Our movements and our communities must seek a humane, yet determined, approach to the consequences of unchecked patriarchy and unbridled violence on our individual and collective psyche and being. Each time we say “NO!” to a form of sexual oppression, we are saying “NO!” to a capitalist system that utilizes oppression to continue its dominance and exploitation. It is most successful when it gets us to take an active part in propping up that system.

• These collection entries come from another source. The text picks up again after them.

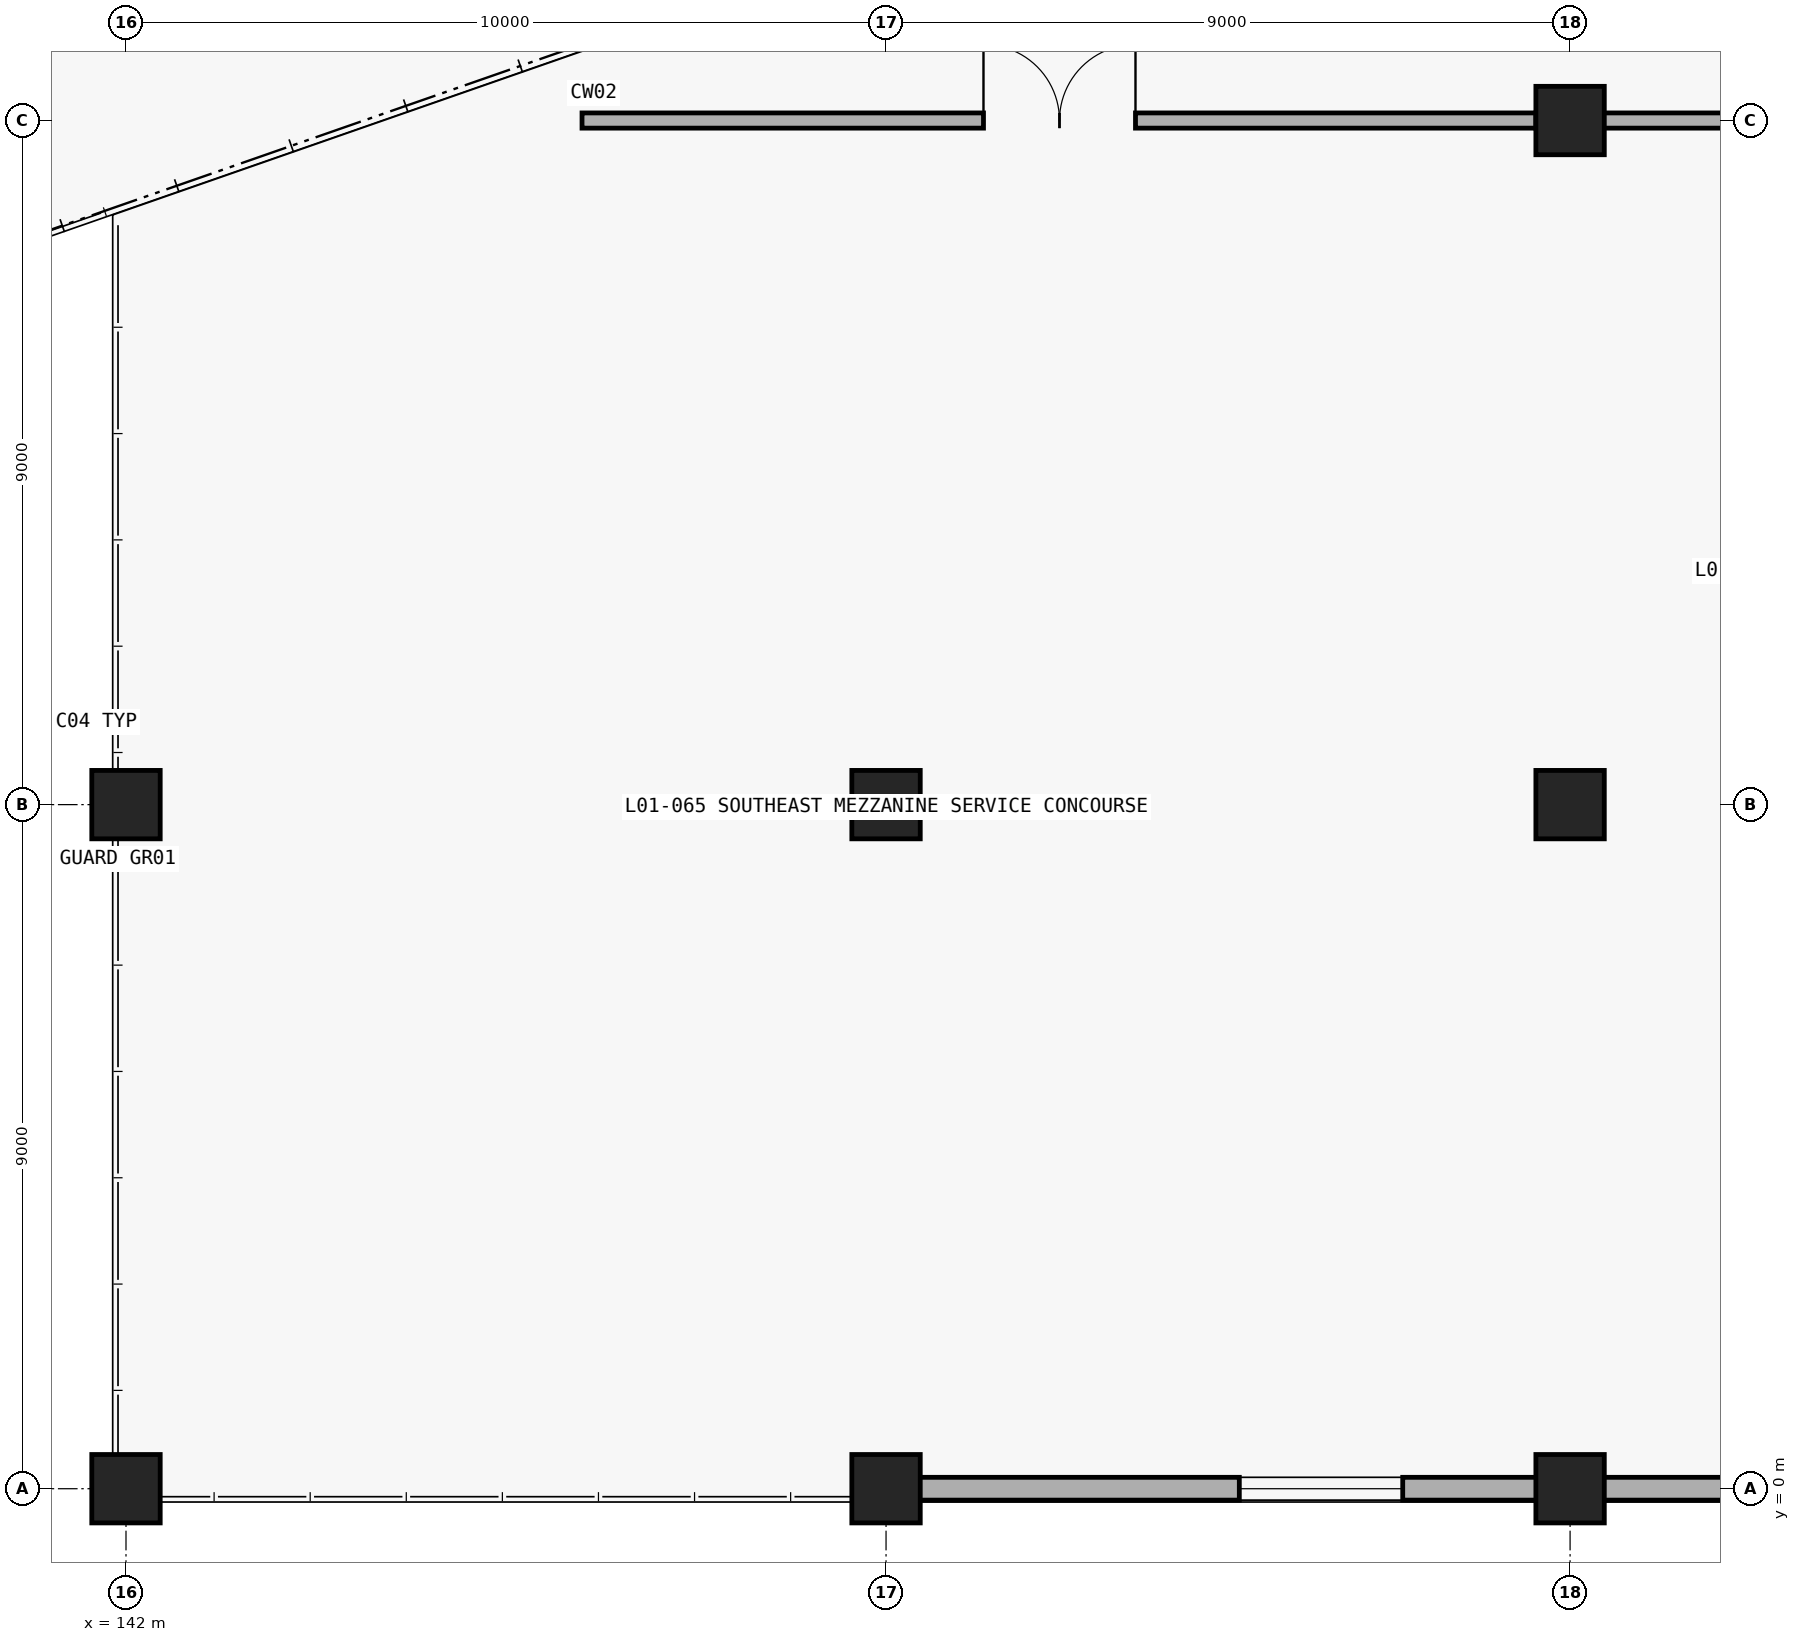
"""IFC4 building model, lengths in metres.
Left out: names, types, materials, properties, quantities, classifications, styles, units other than length and angle.
Written with IfcOpenShell. Run it as: python <this file> out.ifc"""

import sys

from ifc_helpers import new_model, si_unit, direction, frame, frame_2d, origin, origin_2d, place, context, subcontext, project, spatial, rectangle, extrude, element, fill, save


model = new_model("IFC4")
c1 = context("Model", 3, precision=1e-05, world=origin(), true_north=direction((0.0, 1.0)))
c2 = subcontext(c1, "Body", "Model", "MODEL_VIEW")
j1 = project(units=[si_unit("LENGTHUNIT", "METRE"), si_unit("PLANEANGLEUNIT", "RADIAN")], contexts=[c1])
p1 = place(None, origin())
s1 = spatial("IfcSite", under=j1, at=p1, CompositionType="ELEMENT")
p2 = place(p1, origin())
s2 = spatial("IfcBuilding", under=s1, at=p2, CompositionType="ELEMENT")
p3 = place(p2, frame((0.0, 0.0, 5.4)))
s3 = spatial("IfcBuildingStorey", under=s2, at=p3, CompositionType="ELEMENT", Elevation=5.4)
for number, where, z_axis, x_axis in (
    (1, (142.0, 0.0, 0.0), (0.0, 0.0, 1.0), (1.0, 0.0, 0.0)),
    (2, (142.0, 9.0, 0.0), (0.0, 0.0, 1.0), (1.0, 0.0, 0.0)),
    (3, (152.0, 0.0, 0.0), (0.0, 0.0, 1.0), (1.0, 0.0, 0.0)),
    (4, (152.0, 9.0, 0.0), (0.0, 0.0, 1.0), (1.0, 0.0, 0.0)),
    (5, (161.0, 0.0, 0.0), (0.0, 0.0, 1.0), (1.0, 0.0, 0.0)),
    (6, (161.0, 9.0, 0.0), (0.0, 0.0, 1.0), (1.0, 0.0, 0.0)),
    (7, (161.0, 18.0, 0.0), (0.0, 0.0, 1.0), (1.0, 0.0, 0.0)),
):
    element("IfcColumn", number, at=place(p3, frame(where, z_axis=z_axis, x_axis=x_axis)), inside=s3, PredefinedType="COLUMN", context=c2, shape_type="SweptSolid", body=[
        extrude(rectangle(XDim=0.9, YDim=0.9, at=origin_2d()), origin(), (0.0, 0.0, 1.0), 4.8),
    ])
p4 = place(p3, frame((169.575, 0.0, 0.0), z_axis=(0.0, 0.0, 1.0), x_axis=(-1.0, 0.0, 0.0)))
e8 = element("IfcWall", 8, at=p4, inside=s3, PredefinedType="STANDARD", context=c2, shape_type="SweptSolid", body=[
    extrude(rectangle(XDim=8.15, YDim=0.3, at=frame_2d((4.075, 0.0))), origin(), (0.0, 0.0, 1.0), 3.804),
])
p5 = place(p4, frame((1.927, 0.0, 0.95)))
e9 = element("IfcOpeningElement", 9, at=p5, cuts=e8, PredefinedType="OPENING", context=c2, shape_type="SweptSolid", body=[
    extrude(rectangle(XDim=1.85, YDim=2.15, at=frame_2d((0.925, 1.075))), frame((0.0, 0.16, 0.0), z_axis=(0.0, -1.0, 0.0), x_axis=(1.0, 0.0, 0.0)), (0.0, 0.0, 1.0), 0.32),
])
p6 = place(p3, frame((160.575, 0.0, 0.0), z_axis=(0.0, 0.0, 1.0), x_axis=(-1.0, 0.0, 0.0)))
e10 = element("IfcWall", 10, at=p6, inside=s3, PredefinedType="STANDARD", context=c2, shape_type="SweptSolid", body=[
    extrude(rectangle(XDim=8.15, YDim=0.3, at=frame_2d((4.075, 0.0))), origin(), (0.0, 0.0, 1.0), 3.804),
])
p7 = place(p6, frame((1.777, 0.0, 0.95)))
e11 = element("IfcOpeningElement", 11, at=p7, cuts=e10, PredefinedType="OPENING", context=c2, shape_type="SweptSolid", body=[
    extrude(rectangle(XDim=2.15, YDim=2.25, at=frame_2d((1.075, 1.125))), frame((0.0, 0.16, 0.0), z_axis=(0.0, -1.0, 0.0), x_axis=(1.0, 0.0, 0.0)), (0.0, 0.0, 1.0), 0.32),
])
p8 = place(p3, frame((148.0, 18.0, 0.0), z_axis=(0.0, 0.0, 1.0), x_axis=(1.0, 0.0, 0.0)))
e12 = element("IfcWall", 12, at=p8, inside=s3, PredefinedType="PARTITIONING", context=c2, shape_type="SweptSolid", body=[
    extrude(rectangle(XDim=12.565, YDim=0.2, at=frame_2d((6.282, 0.0))), origin(), (0.0, 0.0, 1.0), 4.5),
])
p9 = place(p8, frame((5.282, 0.0, 0.0)))
e13 = element("IfcOpeningElement", 13, at=p9, cuts=e12, PredefinedType="OPENING", context=c2, shape_type="SweptSolid", body=[
    extrude(rectangle(XDim=2.0, YDim=2.3, at=frame_2d((1.0, 1.15))), frame((0.0, 0.11, 0.0), z_axis=(0.0, -1.0, 0.0), x_axis=(1.0, 0.0, 0.0)), (0.0, 0.0, 1.0), 0.22),
])
p10 = place(p3, frame((160.55, 18.0, 0.0), z_axis=(0.0, 0.0, 1.0), x_axis=(1.0, 0.0, 0.0)))
e14 = element("IfcWall", 14, at=p10, inside=s3, PredefinedType="PARTITIONING", context=c2, shape_type="SweptSolid", body=[
    extrude(rectangle(XDim=9.015, YDim=0.2, at=frame_2d((4.507, 0.0))), origin(), (0.0, 0.0, 1.0), 3.804),
])
p11 = place(p10, frame((3.457, 0.0, 0.0)))
e15 = element("IfcOpeningElement", 15, at=p11, cuts=e14, PredefinedType="OPENING", context=c2, shape_type="SweptSolid", body=[
    extrude(rectangle(XDim=2.1, YDim=2.35, at=frame_2d((1.05, 1.175))), frame((0.0, 0.11, 0.0), z_axis=(0.0, -1.0, 0.0), x_axis=(1.0, 0.0, 0.0)), (0.0, 0.0, 1.0), 0.22),
])
p12 = place(p7, origin())
e16 = element("IfcWindow", 16, at=p12, inside=s3, PartitioningType="SINGLE_PANEL", PredefinedType="WINDOW", context=c2, shape_type="SweptSolid", body=[
    extrude(rectangle(XDim=2.15, YDim=2.25, at=frame_2d((1.075, 1.125))), frame((0.0, 0.03, 0.0), z_axis=(0.0, -1.0, 0.0), x_axis=(1.0, 0.0, 0.0)), (0.0, 0.0, 1.0), 0.06),
])
fill(e11, e16)
p13 = place(p9, origin())
e17 = element("IfcDoor", 17, at=p13, inside=s3, OperationType="DOUBLE_DOOR_SINGLE_SWING", PredefinedType="DOOR", context=c2, shape_type="SweptSolid", body=[
    extrude(rectangle(XDim=2.0, YDim=2.3, at=frame_2d((1.0, 1.15))), frame((0.0, 0.025, 0.0), z_axis=(0.0, -1.0, 0.0), x_axis=(1.0, 0.0, 0.0)), (0.0, 0.0, 1.0), 0.05),
])
fill(e13, e17)
save(model, sys.argv[1])

Organized activities, events and campaigns must be multiplied, hopefully with leadership by men with a genuine understanding of their role in gender oppression. Even critiquing the trivialization of women’s violence, by the Walk a Mile in Her Shoes, has its place in this important debate.

On April 28th, one such event will take place in Durham, North Carolina. It is the "National Day of Truth-Telling” to speak out against sexual violence but also to address its root causes. It has been the hotbed of confusion, resentment and anger since the rape occurred at a Duke Lacrosse team party. An organized effort emerged to untangle the web and educate the community towards a place of healing and empowerment.

I fervently believe that we can create a critical mass of people who will bring a sense of urgency and justice to this issue that will ultimately transform our society. Further, I need to be able to look into that young girl’s eyes and assure her that a more humane world for women is coming.